I just need to see if it's ok with Ed, as she will be travelling to Binton on Saturday morning. Would not want to be away from the van when she arrives as she will need a cuppa when she get there. I would guess it will be ok tho if we get an early start. Problem will be how are we getting to the course?

dave

656


----------



## artona (Jan 19, 2006)

Hi Dave

Will have to get a taxi to the course, Shona will provide coffee etc to any golf widows

stew


----------



## klubnomad (Mar 6, 2006)

golf will now be ok, providing it's not raining. I dont do rain. 8O


----------



## claypigeon (May 9, 2005)

Hi golfers there is a course approx 2 miles down the road called Bidford Grange i dont know if you have to book phone no 01789 490319.

Dave


----------



## klubnomad (Mar 6, 2006)

There are some long holes on this one 8O

 Bidford Grange


----------



## artona (Jan 19, 2006)

Hi

Well done Dave, we have a definate two ball, maybe three if Frank can make it, anyone else fancy it

stew


----------



## 96088 (Aug 22, 2005)

Hi Guys

If you do get the game of golf organised at Bidford Grange would you mind posting or PMing me a quick review of the course and facilities.

Reason

I am starting work on our golf societys 2007 event diary and one of the deals on this club's website looks almost too good to be true.

Thanks in advance


----------



## 88781 (May 9, 2005)

Depending on arrival time Stew, I may be able catch up and do the back nine with you,..  

Dave :wink:


----------



## artona (Jan 19, 2006)

Hi Dave

what time do you expect to arrive

stew


----------



## 88781 (May 9, 2005)

Unsure Stew, Mandy may have to go in to work ... :roll:


----------



## artona (Jan 19, 2006)

Hi Dave

No problem mate just carry your own bag. There is a express train later on Saturday from your home town to Binton so Mandy will be Okay :lol: 

ducking Stew


----------



## pneumatician (May 1, 2005)

*Golf v Chuck Gliders*

Scuse me !! If my 25g planes are banned surely heavy projectiles doin about 200mph should be also :wink:

Steve


----------



## artona (Jan 19, 2006)

Hi Steve

i have no problem with you flying your planes over my van as long as it is a reciprical arrangement with my golfing missiles over yours :lol: :lol: 

stew


----------



## fdhadi (May 9, 2005)

Stew

Been given the go ahead for the golf. :wink:


----------



## artona (Jan 19, 2006)

Hi

Great stuff, haven't played for eight months - so best get some practise in over the next couple of weeks

stew


----------



## claypigeon (May 9, 2005)

Make sure you take plenty of balls or a diving suit.

Dave


----------



## artona (Jan 19, 2006)

Hi Dave (claypigeon)

Cor there are a lot of Daves on htis thread

I reckon I will start and finish with the same ball. Do you fancy a fiver on it :lol: :lol: 

stew


----------



## claypigeon (May 9, 2005)

nope

Dave


----------



## artona (Jan 19, 2006)

HI Dave and Frank

So shall we go for Saturday morning say to leave the site at eight, expecting to tee off at nine. 

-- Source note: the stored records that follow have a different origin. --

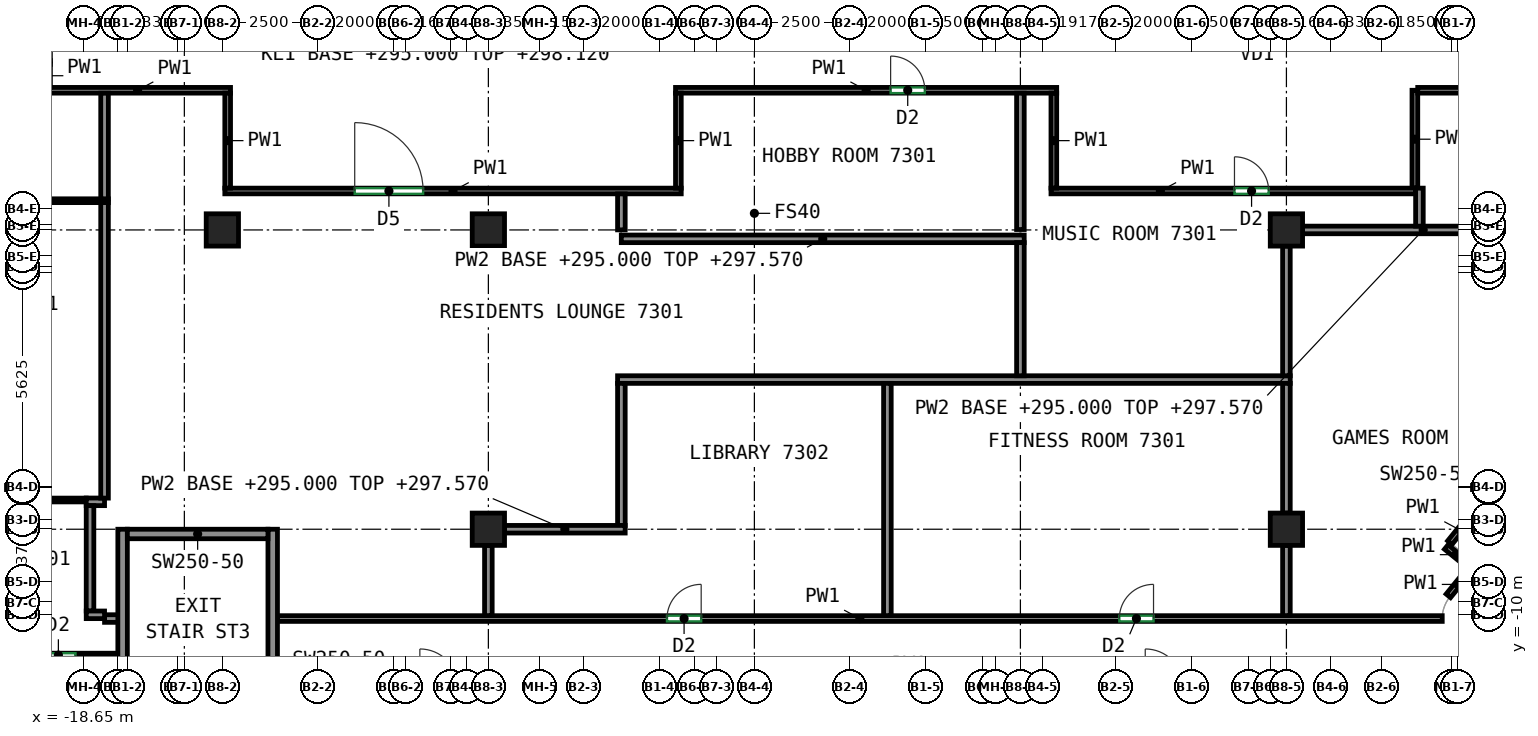
"""IFC4 building model, lengths in metres.
Left out: names, types, materials, properties, quantities, classifications, styles, units other than length and angle.
Written with IfcOpenShell. Run it as: python <this file> out.ifc"""

import sys

from ifc_helpers import new_model, si_unit, direction, frame, frame_2d, origin, origin_2d, place, context, subcontext, project, spatial, rectangle, extrude, source, transform, mapped, element, fill, save


model = new_model("IFC4")
c1 = context("Model", 3, precision=1e-05, world=origin(), true_north=direction((0.0, 1.0)))
c2 = subcontext(c1, "Body", "Model", "MODEL_VIEW")
j1 = project(units=[si_unit("LENGTHUNIT", "METRE"), si_unit("PLANEANGLEUNIT", "RADIAN")], contexts=[c1])
p1 = place(None, origin())
s1 = spatial("IfcSite", under=j1, at=p1, CompositionType="ELEMENT")
p2 = place(p1, origin())
s2 = spatial("IfcBuilding", under=s1, at=p2, CompositionType="ELEMENT")
p3 = place(p2, frame((0.0, 0.0, 295.0)))
s3 = spatial("IfcBuildingStorey", under=s2, at=p3, CompositionType="ELEMENT", Elevation=295.0)
m1 = source(origin(), c2, "Body", "SweptSolid", [
    extrude(rectangle(XDim=0.85, YDim=0.85, at=origin_2d()), origin(), (0.0, 0.0, 1.0), 3.12),
])
for number, where, z_axis, x_axis in (
    (1, (-15.0, 0.125, 0.0), (0.0, 0.0, 1.0), (1.0, 0.0, 0.0)),
    (2, (-8.0, -7.75, 0.0), (0.0, 0.0, 1.0), (1.0, 0.0, 0.0)),
    (3, (-8.0, 0.125, 0.0), (0.0, 0.0, 1.0), (1.0, 0.0, 0.0)),
    (4, (13.0, -7.75, 0.0), (0.0, 0.0, 1.0), (1.0, 0.0, 0.0)),
    (5, (13.0, 0.125, 0.0), (0.0, 0.0, 1.0), (1.0, 0.0, 0.0)),
):
    element("IfcColumn", number, at=place(p3, frame(where, z_axis=z_axis, x_axis=x_axis)), inside=s3, PredefinedType="COLUMN", context=c2, shape_type="MappedRepresentation", body=[
        mapped(m1, transform((0.0, 0.0, 0.0))),
    ])
m2 = source(origin(), c2, "Body", "SweptSolid", [
    extrude(rectangle(XDim=8.0, YDim=0.25, at=frame_2d((4.0, 0.0))), origin(), (0.0, 0.0, 1.0), 3.12),
])
for number, where, z_axis, x_axis in (
    (6, (-17.625, -15.75, 0.0), (0.0, 0.0, 1.0), (0.0, 1.0, 0.0)),
    (7, (-13.675, -15.75, 0.0), (0.0, 0.0, 1.0), (0.0, 1.0, 0.0)),
):
    element("IfcWall", number, at=place(p3, frame(where, z_axis=z_axis, x_axis=x_axis)), inside=s3, PredefinedType="SHEAR", context=c2, shape_type="MappedRepresentation", body=[
        mapped(m2, transform((0.0, 0.0, 0.0))),
    ])
m3 = source(origin(), c2, "Body", "SweptSolid", [
    extrude(rectangle(XDim=3.7, YDim=0.25, at=frame_2d((1.85, 0.0))), origin(), (0.0, 0.0, 1.0), 3.12),
])
p4 = place(p3, frame((-17.5, -7.875, 0.0), z_axis=(0.0, 0.0, 1.0), x_axis=(1.0, 0.0, 0.0)))
e8 = element("IfcWall", 8, at=p4, inside=s3, PredefinedType="SHEAR", context=c2, shape_type="MappedRepresentation", body=[
    mapped(m3, transform((0.0, 0.0, 0.0))),
])
p5 = place(p3, frame((-19.675, 3.8, 0.0), z_axis=(0.0, 0.0, 1.0), x_axis=(1.0, 0.0, 0.0)))
e9 = element("IfcWall", 9, at=p5, inside=s3, PredefinedType="PARTITIONING", context=c2, shape_type="SweptSolid", body=[
    extrude(rectangle(XDim=4.89, YDim=0.15, at=frame_2d((2.445, 0.0))), origin(), (0.0, 0.0, 1.0), 3.12),
])
p6 = place(p3, frame((-14.935, 1.15, 0.0), z_axis=(0.0, 0.0, 1.0), x_axis=(1.0, 0.0, 0.0)))
e10 = element("IfcWall", 10, at=p6, inside=s3, PredefinedType="PARTITIONING", context=c2, shape_type="SweptSolid", body=[
    extrude(rectangle(XDim=12.01, YDim=0.15, at=frame_2d((6.005, 0.0))), origin(), (0.0, 0.0, 1.0), 3.12),
])
p7 = place(p6, frame((3.418, 0.0, 0.0)))
e11 = element("IfcOpeningElement", 11, at=p7, cuts=e10, PredefinedType="OPENING", context=c2, shape_type="SweptSolid", body=[
    extrude(rectangle(XDim=1.8, YDim=2.1, at=frame_2d((0.9, 1.05))), frame((0.0, 0.085, 0.0), z_axis=(0.0, -1.0, 0.0), x_axis=(1.0, 0.0, 0.0)), (0.0, 0.0, 1.0), 0.17),
])
p8 = place(p3, frame((-14.86, 3.725, 0.0), z_axis=(0.0, 0.0, 1.0), x_axis=(0.0, -1.0, 0.0)))
e12 = element("IfcWall", 12, at=p8, inside=s3, PredefinedType="PARTITIONING", context=c2, shape_type="SweptSolid", body=[
    extrude(rectangle(XDim=2.5, YDim=0.15, at=frame_2d((1.25, 0.0))), origin(), (0.0, 0.0, 1.0), 3.12),
])
p9 = place(p3, frame((-13.55, -10.1, 0.0), z_axis=(0.0, 0.0, 1.0), x_axis=(1.0, 0.0, 0.0)))
e13 = element("IfcWall", 13, at=p9, inside=s3, PredefinedType="PARTITIONING", context=c2, shape_type="SweptSolid", body=[
    extrude(rectangle(XDim=30.65, YDim=0.15, at=frame_2d((15.325, 0.0))), origin(), (0.0, 0.0, 1.0), 3.12),
])
p10 = place(p9, frame((10.25, 0.0, 0.0)))
e14 = element("IfcOpeningElement", 14, at=p10, cuts=e13, PredefinedType="OPENING", context=c2, shape_type="SweptSolid", body=[
    extrude(rectangle(XDim=0.9, YDim=2.1, at=frame_2d((0.45, 1.05))), frame((0.0, 0.085, 0.0), z_axis=(0.0, -1.0, 0.0), x_axis=(1.0, 0.0, 0.0)), (0.0, 0.0, 1.0), 0.17),
])
p11 = place(p9, frame((22.153, 0.0, 0.0)))
e15 = element("IfcOpeningElement", 15, at=p11, cuts=e13, PredefinedType="OPENING", context=c2, shape_type="SweptSolid", body=[
    extrude(rectangle(XDim=0.9, YDim=2.1, at=frame_2d((0.45, 1.05))), frame((0.0, 0.085, 0.0), z_axis=(0.0, -1.0, 0.0), x_axis=(1.0, 0.0, 0.0)), (0.0, 0.0, 1.0), 0.17),
])
p12 = place(p3, frame((-3.075, 3.8, 0.0), z_axis=(0.0, 0.0, 1.0), x_axis=(1.0, 0.0, 0.0)))
e16 = element("IfcWall", 16, at=p12, inside=s3, PredefinedType="PARTITIONING", context=c2, shape_type="SweptSolid", body=[
    extrude(rectangle(XDim=10.03, YDim=0.15, at=frame_2d((5.015, 0.0))), origin(), (0.0, 0.0, 1.0), 3.12),
])
p13 = place(p12, frame((5.66, 0.0, 0.0)))
e17 = element("IfcOpeningElement", 17, at=p13, cuts=e16, PredefinedType="OPENING", context=c2, shape_type="SweptSolid", body=[
    extrude(rectangle(XDim=0.9, YDim=2.1, at=frame_2d((0.45, 1.05))), frame((0.0, 0.085, 0.0), z_axis=(0.0, -1.0, 0.0), x_axis=(1.0, 0.0, 0.0)), (0.0, 0.0, 1.0), 0.17),
])
p14 = place(p3, frame((-3.0, 1.225, 0.0), z_axis=(0.0, 0.0, 1.0), x_axis=(0.0, 1.0, 0.0)))
e18 = element("IfcWall", 18, at=p14, inside=s3, PredefinedType="PARTITIONING", context=c2, shape_type="SweptSolid", body=[
    extrude(rectangle(XDim=2.5, YDim=0.15, at=frame_2d((1.25, 0.0))), origin(), (0.0, 0.0, 1.0), 3.12),
])
p15 = place(p3, frame((16.38, 1.225, 0.0), z_axis=(0.0, 0.0, 1.0), x_axis=(0.0, 1.0, 0.0)))
e19 = element("IfcWall", 19, at=p15, inside=s3, PredefinedType="PARTITIONING", context=c2, shape_type="SweptSolid", body=[
    extrude(rectangle(XDim=2.575, YDim=0.15, at=frame_2d((1.288, 0.0))), origin(), (0.0, 0.0, 1.0), 3.12),
])
p16 = place(p3, frame((6.805, 1.15, 0.0), z_axis=(0.0, 0.0, 1.0), x_axis=(1.0, 0.0, 0.0)))
e20 = element("IfcWall", 20, at=p16, inside=s3, PredefinedType="PARTITIONING", context=c2, shape_type="SweptSolid", body=[
    extrude(rectangle(XDim=9.595, YDim=0.15, at=frame_2d((4.797, 0.0))), origin(), (0.0, 0.0, 1.0), 3.12),
])
p17 = place(p16, frame((4.828, 0.0, 0.0)))
e21 = element("IfcOpeningElement", 21, at=p17, cuts=e20, PredefinedType="OPENING", context=c2, shape_type="SweptSolid", body=[
    extrude(rectangle(XDim=0.9, YDim=2.1, at=frame_2d((0.45, 1.05))), frame((0.0, 0.085, 0.0), z_axis=(0.0, -1.0, 0.0), x_axis=(1.0, 0.0, 0.0)), (0.0, 0.0, 1.0), 0.17),
])
p18 = place(p3, frame((6.88, 3.725, 0.0), z_axis=(0.0, 0.0, 1.0), x_axis=(0.0, -1.0, 0.0)))
e22 = element("IfcWall", 22, at=p18, inside=s3, PredefinedType="PARTITIONING", context=c2, shape_type="SweptSolid", body=[
    extrude(rectangle(XDim=2.5, YDim=0.15, at=frame_2d((1.25, 0.0))), origin(), (0.0, 0.0, 1.0), 3.12),
])
p19 = place(p3, frame((17.748, -8.902, 0.0), z_axis=(0.0, 0.0, 1.0), x_axis=(-0.630342797145, -0.776316918589, 0.0)))
e23 = element("IfcWall", 23, at=p19, inside=s3, PredefinedType="PARTITIONING", context=c2, shape_type="SweptSolid", body=[
    extrude(rectangle(XDim=0.773, YDim=0.15, at=frame_2d((0.386, 0.0))), origin(), (0.0, 0.0, 1.0), 3.12),
])
p20 = place(p3, frame((17.206, -8.218, 0.0), z_axis=(0.0, 0.0, 1.0), x_axis=(0.776102288291, -0.630607039376, 0.0)))
e24 = element("IfcWall", 24, at=p20, inside=s3, PredefinedType="PARTITIONING", context=c2, shape_type="SweptSolid", body=[
    extrude(rectangle(XDim=0.638, YDim=0.15, at=frame_2d((0.319, 0.0))), origin(), (0.0, 0.0, 1.0), 3.12),
])
p21 = place(p3, frame((17.835, -7.442, 0.0), z_axis=(0.0, 0.0, 1.0), x_axis=(-0.628859024249, -0.777519342281, 0.0)))
e25 = element("IfcWall", 25, at=p21, inside=s3, PredefinedType="PARTITIONING", context=c2, shape_type="SweptSolid", body=[
    extrude(rectangle(XDim=0.849, YDim=0.15, at=frame_2d((0.425, 0.0))), origin(), (0.0, 0.0, 1.0), 3.12),
])
p22 = place(p3, frame((16.455, 3.8, 0.0), z_axis=(0.0, 0.0, 1.0), x_axis=(1.0, 0.0, 0.0)))
e26 = element("IfcWall", 26, at=p22, inside=s3, PredefinedType="PARTITIONING", context=c2, shape_type="SweptSolid", body=[
    extrude(rectangle(XDim=3.32, YDim=0.15, at=frame_2d((1.66, 0.0))), origin(), (0.0, 0.0, 1.0), 3.12),
])
p23 = place(p3, frame((-17.75, -11.062, 0.0), z_axis=(0.0, 0.0, 1.0), x_axis=(-1.0, 0.0, 0.0)))
e27 = element("IfcWall", 27, at=p23, inside=s3, PredefinedType="PARTITIONING", context=c2, shape_type="SweptSolid", body=[
    extrude(rectangle(XDim=7.5, YDim=0.1, at=frame_2d((3.75, 0.0))), origin(), (0.0, 0.0, 1.0), 3.12),
])
p24 = place(p23, frame((1.115, 0.0, 0.0)))
e28 = element("IfcOpeningElement", 28, at=p24, cuts=e27, PredefinedType="OPENING", context=c2, shape_type="SweptSolid", body=[
    extrude(rectangle(XDim=0.9, YDim=2.1, at=frame_2d((0.45, 1.05))), frame((0.0, 0.06, 0.0), z_axis=(0.0, -1.0, 0.0), x_axis=(1.0, 0.0, 0.0)), (0.0, 0.0, 1.0), 0.12),
])
p25 = place(p3, frame((-18.582, -6.981, 0.0), z_axis=(0.0, 0.0, 1.0), x_axis=(-1.0, 0.0, 0.0)))
e29 = element("IfcWall", 29, at=p25, inside=s3, PredefinedType="PARTITIONING", context=c2, shape_type="SweptSolid", body=[
    extrude(rectangle(XDim=6.668, YDim=0.1, at=frame_2d((3.334, 0.0))), origin(), (0.0, 0.0, 1.0), 3.12),
])
p26 = place(p25, frame((3.249, 0.0, 0.0)))
e30 = element("IfcOpeningElement", 30, at=p26, cuts=e29, PredefinedType="OPENING", context=c2, shape_type="SweptSolid", body=[
    extrude(rectangle(XDim=0.9, YDim=2.1, at=frame_2d((0.45, 1.05))), frame((0.0, 0.06, 0.0), z_axis=(0.0, -1.0, 0.0), x_axis=(1.0, 0.0, 0.0)), (0.0, 0.0, 1.0), 0.12),
])
p27 = place(p3, frame((-17.7, -10.1, 0.0), z_axis=(0.0, 0.0, 1.0), x_axis=(-1.0, 0.0, 0.0)))
e31 = element("IfcWall", 31, at=p27, inside=s3, PredefinedType="PARTITIONING", context=c2, shape_type="SweptSolid", body=[
    extrude(rectangle(XDim=0.4, YDim=0.2, at=frame_2d((0.2, 0.0))), origin(), (0.0, 0.0, 1.0), 3.12),
])
p28 = place(p3, frame((-18.582, -7.029, 0.0), z_axis=(0.0, 0.0, 1.0), x_axis=(1.0, 0.0, 0.0)))
e32 = element("IfcWall", 32, at=p28, inside=s3, PredefinedType="PARTITIONING", context=c2, shape_type="SweptSolid", body=[
    extrude(rectangle(XDim=0.482, YDim=0.2, at=frame_2d((0.241, 0.0))), origin(), (0.0, 0.0, 1.0), 3.12),
])
p29 = place(p3, frame((-18.482, -9.902, 0.0), z_axis=(0.0, 0.0, 1.0), x_axis=(0.0, 1.0, 0.0)))
e33 = element("IfcWall", 33, at=p29, inside=s3, PredefinedType="PARTITIONING", context=c2, shape_type="SweptSolid", body=[
    extrude(rectangle(XDim=2.773, YDim=0.2, at=frame_2d((1.387, 0.0))), origin(), (0.0, 0.0, 1.0), 3.12),
])
p30 = place(p3, frame((-18.1, -10.002, 0.0), z_axis=(0.0, 0.0, 1.0), x_axis=(-1.0, 0.0, 0.0)))
e34 = element("IfcWall", 34, at=p30, inside=s3, PredefinedType="PARTITIONING", context=c2, shape_type="SweptSolid", body=[
    extrude(rectangle(XDim=0.482, YDim=0.2, at=frame_2d((0.241, 0.0))), origin(), (0.0, 0.0, 1.0), 3.12),
])
p31 = place(p3, frame((-18.0, 0.894, 0.0), z_axis=(0.0, 0.0, 1.0), x_axis=(-1.0, 0.0, 0.0)))
e35 = element("IfcWall", 35, at=p31, inside=s3, PredefinedType="PARTITIONING", context=c2, shape_type="SweptSolid", body=[
    extrude(rectangle(XDim=7.25, YDim=0.1, at=frame_2d((3.625, 0.0))), origin(), (0.0, 0.0, 1.0), 3.12),
])
p32 = place(p31, frame((4.335, 0.0, 0.0)))
e36 = element("IfcOpeningElement", 36, at=p32, cuts=e35, PredefinedType="OPENING", context=c2, shape_type="SweptSolid", body=[
    extrude(rectangle(XDim=0.9, YDim=2.1, at=frame_2d((0.45, 1.05))), frame((0.0, 0.06, 0.0), z_axis=(0.0, -1.0, 0.0), x_axis=(1.0, 0.0, 0.0)), (0.0, 0.0, 1.0), 0.12),
])
p33 = place(p3, frame((-18.1, -6.931, 0.0), z_axis=(0.0, 0.0, 1.0), x_axis=(0.0, 1.0, 0.0)))
e37 = element("IfcWall", 37, at=p33, inside=s3, PredefinedType="PARTITIONING", context=c2, shape_type="SweptSolid", body=[
    extrude(rectangle(XDim=7.775, YDim=0.2, at=frame_2d((3.887, 0.0))), origin(), (0.0, 0.0, 1.0), 3.12),
])
p34 = place(p3, frame((-18.1, 0.944, 0.0), z_axis=(0.0, 0.0, 1.0), x_axis=(0.0, 1.0, 0.0)))
e38 = element("IfcWall", 38, at=p34, inside=s3, PredefinedType="PARTITIONING", context=c2, shape_type="SweptSolid", body=[
    extrude(rectangle(XDim=2.779, YDim=0.2, at=frame_2d((1.389, 0.0))), origin(), (0.0, 0.0, 1.0), 3.12),
])
p35 = place(p3, frame((-4.6, -3.812, 0.0), z_axis=(0.0, 0.0, 1.0), x_axis=(1.0, 0.0, 0.0)))
e39 = element("IfcWall", 39, at=p35, inside=s3, PredefinedType="PARTITIONING", context=c2, shape_type="SweptSolid", body=[
    extrude(rectangle(XDim=17.7, YDim=0.2, at=frame_2d((8.85, 0.0))), origin(), (0.0, 0.0, 1.0), 3.12),
])
p36 = place(p3, frame((-4.5, -7.65, 0.0), z_axis=(0.0, 0.0, 1.0), x_axis=(0.0, 1.0, 0.0)))
e40 = element("IfcWall", 40, at=p36, inside=s3, PredefinedType="PARTITIONING", context=c2, shape_type="SweptSolid", body=[
    extrude(rectangle(XDim=3.738, YDim=0.2, at=frame_2d((1.869, 0.0))), origin(), (0.0, 0.0, 1.0), 3.12),
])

Shall we go for Bidford Grange

Shall I book it - looks as though its £25 per round

Anyone else fancy making up the four ball

stew


----------



## klubnomad (Mar 6, 2006)

Stew

Eight is fine by me. Yes, book it.

Dave


656


----------



## fdhadi (May 9, 2005)

Stew

:wink:


----------



## artona (Jan 19, 2006)

will do.

stew


----------



## JustRadio (May 21, 2005)

Umm, I could make up the numbers. Used to play off 17 but haven't played for years. Been on the practice ground a few times this summer and going for it again, so if you need round numbers shout, but I qualify as a hacker.

Oh, and I don't do rain either, or ice, or 90 degs in the shade, so, I, errm, not going to get very good am I?


----------



## Pusser (May 9, 2005)

Oh Deary me.... I don't play golf so I shall just have to stay behind with the golf widows. What a shame....


----------



## artona (Jan 19, 2006)

Well done John, and I will remind you nearer the date :lol: 

Thanks Pusser you might not be useful as a golfer but your timing is superb. I had just returned to the computer to find this thread and get the course's number to book and you had returned it to the top.

With timing like that you should consider the game :lol: 

stew


----------



## artona (Jan 19, 2006)

All booked for 8.45am on the saturday. I can confirm the cost is £25 per person.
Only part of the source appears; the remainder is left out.